Detected on our canary in Nevada this morning.


----------



## PaulT (Aug 22, 2018)

Looking forward to seeing if this is a full release. Kinda depressed the stopped the last update for M3.


----------



## wst88 (Oct 31, 2018)

Maybe with all of these decimals the bugs are worked out.. Especially Autopilot.
Doubtful it comes with Advanced Summon, guessing same package as 2019.5.4


----------



## Ze1000 (May 22, 2018)

Advanced summon package is already part of the build. Not active yet. Maybe not all kinks ironed out yet.


----------



## Golden Gate (May 8, 2018)

I could care less about advanced summon... I just want auto windshield wipers that work and for existing bugs to be squashed. They need to stabilize before they build more features.


----------



## Craig Bennett (Apr 6, 2016)

Golden Gate said:


> I could care less about advanced summon... I just want auto windshield wipers that work and for existing bugs to be squashed. They need to stabilize before they build more features.


I wouldn't go so far as to say I don't care but I agree that the major releases - i.e. "v9.0" should be for major feature rollouts and the interims be about stabilizing. As the user base increases well beyond early adopters, the tolerance for bugs will continue to diminish.


----------



## iChris93 (Feb 3, 2017)

Golden Gate said:


> I just want auto windshield wipers that work


What version are you on? Seems much improved on 2019.5.4.


----------



## Golden Gate (May 8, 2018)

I'm on 2019.5.4 and hate to hijack this thread with yet another discussion about the auto wipers not working... there are times they work great and times they work terribly. My BMW had a sensitivity adjustment which I wish my Tesla had.


----------



## Kizzy (Jul 25, 2016)

Golden Gate said:


> I'm on 2019.5.4 and hate to hijack this thread with yet another discussion about the auto wipers not working... there are times they work great and times they work terribly. My BMW had a sensitivity adjustment which I wish my Tesla had.

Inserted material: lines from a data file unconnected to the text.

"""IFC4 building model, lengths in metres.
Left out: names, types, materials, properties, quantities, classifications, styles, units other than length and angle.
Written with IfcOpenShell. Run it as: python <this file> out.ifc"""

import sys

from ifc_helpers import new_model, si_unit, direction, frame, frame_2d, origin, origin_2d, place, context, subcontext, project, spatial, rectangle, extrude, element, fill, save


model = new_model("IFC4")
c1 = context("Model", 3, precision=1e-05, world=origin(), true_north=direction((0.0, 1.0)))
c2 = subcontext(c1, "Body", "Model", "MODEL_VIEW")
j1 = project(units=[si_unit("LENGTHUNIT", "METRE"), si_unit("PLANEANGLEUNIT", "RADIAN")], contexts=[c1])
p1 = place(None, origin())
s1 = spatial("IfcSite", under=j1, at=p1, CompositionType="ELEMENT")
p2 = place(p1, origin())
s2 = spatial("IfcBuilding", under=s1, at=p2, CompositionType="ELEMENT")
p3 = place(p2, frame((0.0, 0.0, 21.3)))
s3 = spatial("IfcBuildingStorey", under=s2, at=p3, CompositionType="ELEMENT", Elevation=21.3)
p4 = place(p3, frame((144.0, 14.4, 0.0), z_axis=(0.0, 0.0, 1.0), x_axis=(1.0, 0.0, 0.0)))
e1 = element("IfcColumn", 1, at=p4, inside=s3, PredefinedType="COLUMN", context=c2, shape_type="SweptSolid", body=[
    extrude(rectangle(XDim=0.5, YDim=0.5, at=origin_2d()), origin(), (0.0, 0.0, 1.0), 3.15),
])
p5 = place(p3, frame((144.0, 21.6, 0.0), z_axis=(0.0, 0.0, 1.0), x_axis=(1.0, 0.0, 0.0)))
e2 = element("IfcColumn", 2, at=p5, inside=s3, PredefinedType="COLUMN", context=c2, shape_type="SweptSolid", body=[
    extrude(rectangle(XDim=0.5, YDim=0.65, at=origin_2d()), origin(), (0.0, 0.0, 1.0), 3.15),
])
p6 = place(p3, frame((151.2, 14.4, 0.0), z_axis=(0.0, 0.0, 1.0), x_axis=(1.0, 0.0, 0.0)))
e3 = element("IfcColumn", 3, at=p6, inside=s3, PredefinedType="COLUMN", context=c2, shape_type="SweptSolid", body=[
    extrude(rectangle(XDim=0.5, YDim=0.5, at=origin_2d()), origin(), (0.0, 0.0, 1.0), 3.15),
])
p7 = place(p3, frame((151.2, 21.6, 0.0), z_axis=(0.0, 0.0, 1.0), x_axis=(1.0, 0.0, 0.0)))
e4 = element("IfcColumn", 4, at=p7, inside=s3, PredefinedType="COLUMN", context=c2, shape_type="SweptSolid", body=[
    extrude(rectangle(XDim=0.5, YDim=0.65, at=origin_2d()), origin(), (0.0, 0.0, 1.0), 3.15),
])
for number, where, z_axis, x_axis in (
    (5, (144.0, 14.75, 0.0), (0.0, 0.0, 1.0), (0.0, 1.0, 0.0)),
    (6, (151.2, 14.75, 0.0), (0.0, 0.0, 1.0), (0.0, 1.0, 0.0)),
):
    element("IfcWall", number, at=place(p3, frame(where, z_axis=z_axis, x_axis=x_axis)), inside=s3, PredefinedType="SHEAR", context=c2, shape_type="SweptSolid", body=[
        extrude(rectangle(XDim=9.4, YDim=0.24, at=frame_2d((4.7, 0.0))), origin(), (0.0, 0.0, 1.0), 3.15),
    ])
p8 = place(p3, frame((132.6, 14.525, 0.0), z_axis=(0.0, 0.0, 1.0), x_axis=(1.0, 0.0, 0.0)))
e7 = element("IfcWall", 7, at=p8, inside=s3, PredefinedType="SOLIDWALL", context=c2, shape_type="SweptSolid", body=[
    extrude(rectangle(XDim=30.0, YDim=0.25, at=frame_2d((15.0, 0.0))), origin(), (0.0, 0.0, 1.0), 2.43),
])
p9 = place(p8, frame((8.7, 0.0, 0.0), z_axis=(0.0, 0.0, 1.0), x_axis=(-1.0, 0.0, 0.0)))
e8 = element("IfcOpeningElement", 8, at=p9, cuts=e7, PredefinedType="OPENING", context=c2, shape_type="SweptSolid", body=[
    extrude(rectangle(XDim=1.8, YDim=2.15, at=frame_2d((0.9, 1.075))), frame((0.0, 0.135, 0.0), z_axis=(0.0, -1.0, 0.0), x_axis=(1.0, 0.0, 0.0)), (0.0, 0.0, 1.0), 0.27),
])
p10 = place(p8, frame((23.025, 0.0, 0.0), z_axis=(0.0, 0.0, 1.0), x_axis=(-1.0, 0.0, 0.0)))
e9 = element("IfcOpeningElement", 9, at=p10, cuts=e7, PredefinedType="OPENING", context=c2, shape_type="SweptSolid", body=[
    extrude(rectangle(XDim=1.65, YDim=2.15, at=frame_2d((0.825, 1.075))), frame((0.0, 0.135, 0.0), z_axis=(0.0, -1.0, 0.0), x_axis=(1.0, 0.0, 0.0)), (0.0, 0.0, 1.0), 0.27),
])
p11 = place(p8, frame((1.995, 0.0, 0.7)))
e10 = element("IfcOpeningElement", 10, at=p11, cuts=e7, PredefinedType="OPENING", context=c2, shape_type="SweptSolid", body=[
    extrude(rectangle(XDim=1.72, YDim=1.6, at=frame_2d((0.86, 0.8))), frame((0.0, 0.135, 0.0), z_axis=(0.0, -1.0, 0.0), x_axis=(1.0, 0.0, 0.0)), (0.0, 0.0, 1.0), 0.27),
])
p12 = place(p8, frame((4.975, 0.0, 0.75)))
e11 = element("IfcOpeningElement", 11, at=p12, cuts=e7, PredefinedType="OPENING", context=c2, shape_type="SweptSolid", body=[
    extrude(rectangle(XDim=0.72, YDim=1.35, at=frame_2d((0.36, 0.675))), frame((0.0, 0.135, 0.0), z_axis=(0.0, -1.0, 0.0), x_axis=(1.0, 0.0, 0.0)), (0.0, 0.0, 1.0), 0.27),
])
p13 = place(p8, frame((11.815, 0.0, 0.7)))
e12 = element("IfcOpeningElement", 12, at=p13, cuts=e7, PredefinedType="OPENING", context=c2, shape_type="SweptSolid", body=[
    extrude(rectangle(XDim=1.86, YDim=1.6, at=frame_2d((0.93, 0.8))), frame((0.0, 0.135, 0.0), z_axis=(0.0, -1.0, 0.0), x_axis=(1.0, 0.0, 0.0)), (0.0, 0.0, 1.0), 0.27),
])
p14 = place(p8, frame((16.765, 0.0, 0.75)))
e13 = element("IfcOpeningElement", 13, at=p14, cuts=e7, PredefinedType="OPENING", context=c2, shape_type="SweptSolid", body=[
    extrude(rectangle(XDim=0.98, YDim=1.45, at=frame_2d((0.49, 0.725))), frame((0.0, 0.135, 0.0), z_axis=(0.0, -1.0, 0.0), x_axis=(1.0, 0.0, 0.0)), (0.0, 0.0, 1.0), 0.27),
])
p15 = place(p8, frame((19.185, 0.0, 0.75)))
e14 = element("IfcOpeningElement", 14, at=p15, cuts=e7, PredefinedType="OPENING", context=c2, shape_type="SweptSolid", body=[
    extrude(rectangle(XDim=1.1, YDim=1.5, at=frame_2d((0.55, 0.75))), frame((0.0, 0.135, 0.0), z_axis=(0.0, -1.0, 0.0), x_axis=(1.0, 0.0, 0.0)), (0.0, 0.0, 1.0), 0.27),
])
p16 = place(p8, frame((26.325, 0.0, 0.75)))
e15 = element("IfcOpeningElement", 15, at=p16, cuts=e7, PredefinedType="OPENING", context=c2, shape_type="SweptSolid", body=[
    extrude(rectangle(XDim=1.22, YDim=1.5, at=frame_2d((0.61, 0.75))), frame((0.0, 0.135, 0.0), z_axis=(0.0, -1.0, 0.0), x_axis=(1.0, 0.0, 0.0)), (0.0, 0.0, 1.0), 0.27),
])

The "sensitivity" has certainly gotten better, though yes, could use some tweaking. Unfortunately, tweaking the sensitivity of zero sensing won't fix wipers that aren't wiping at all.

Back on topic: Did we hear anything at all about what 2019.5.14 had?


----------



## Needsdecaf (Dec 27, 2018)

Bokonon said:


> Detected on our canary in Nevada this morning.


Actually been rolling out on S and X for a few days now without the .1. Interesting.


----------



## Jan Groenen (Jan 27, 2019)

This is also the version used in the Model 3's in China !


----------



## zoates14 (Mar 18, 2019)

Picked up my LR RWD last night and 2019.5.14 had just been installed before I got there. When I left I had a notification for another update, which I scheduled for midnight. Woke up this morning to a failed update notification and the update was gone. Have others seen something similar?


----------



## Kizzy (Jul 25, 2016)

zoates14 said:


> Picked up my LR RWD last night and 2019.5.14 had just been installed before I got there. When I left I had a notification for another update, which I scheduled for midnight. Woke up this morning to a failed update notification and the update was gone. Have others seen something similar?


Since no one else has responded:

I've heard of other folks having the issue. I've also heard (IIRC) that disappearing updates might mean that the update was pulled from release?

You'll probably want to reach out to Tesla if your next update fails or you stop getting them entirely.


----------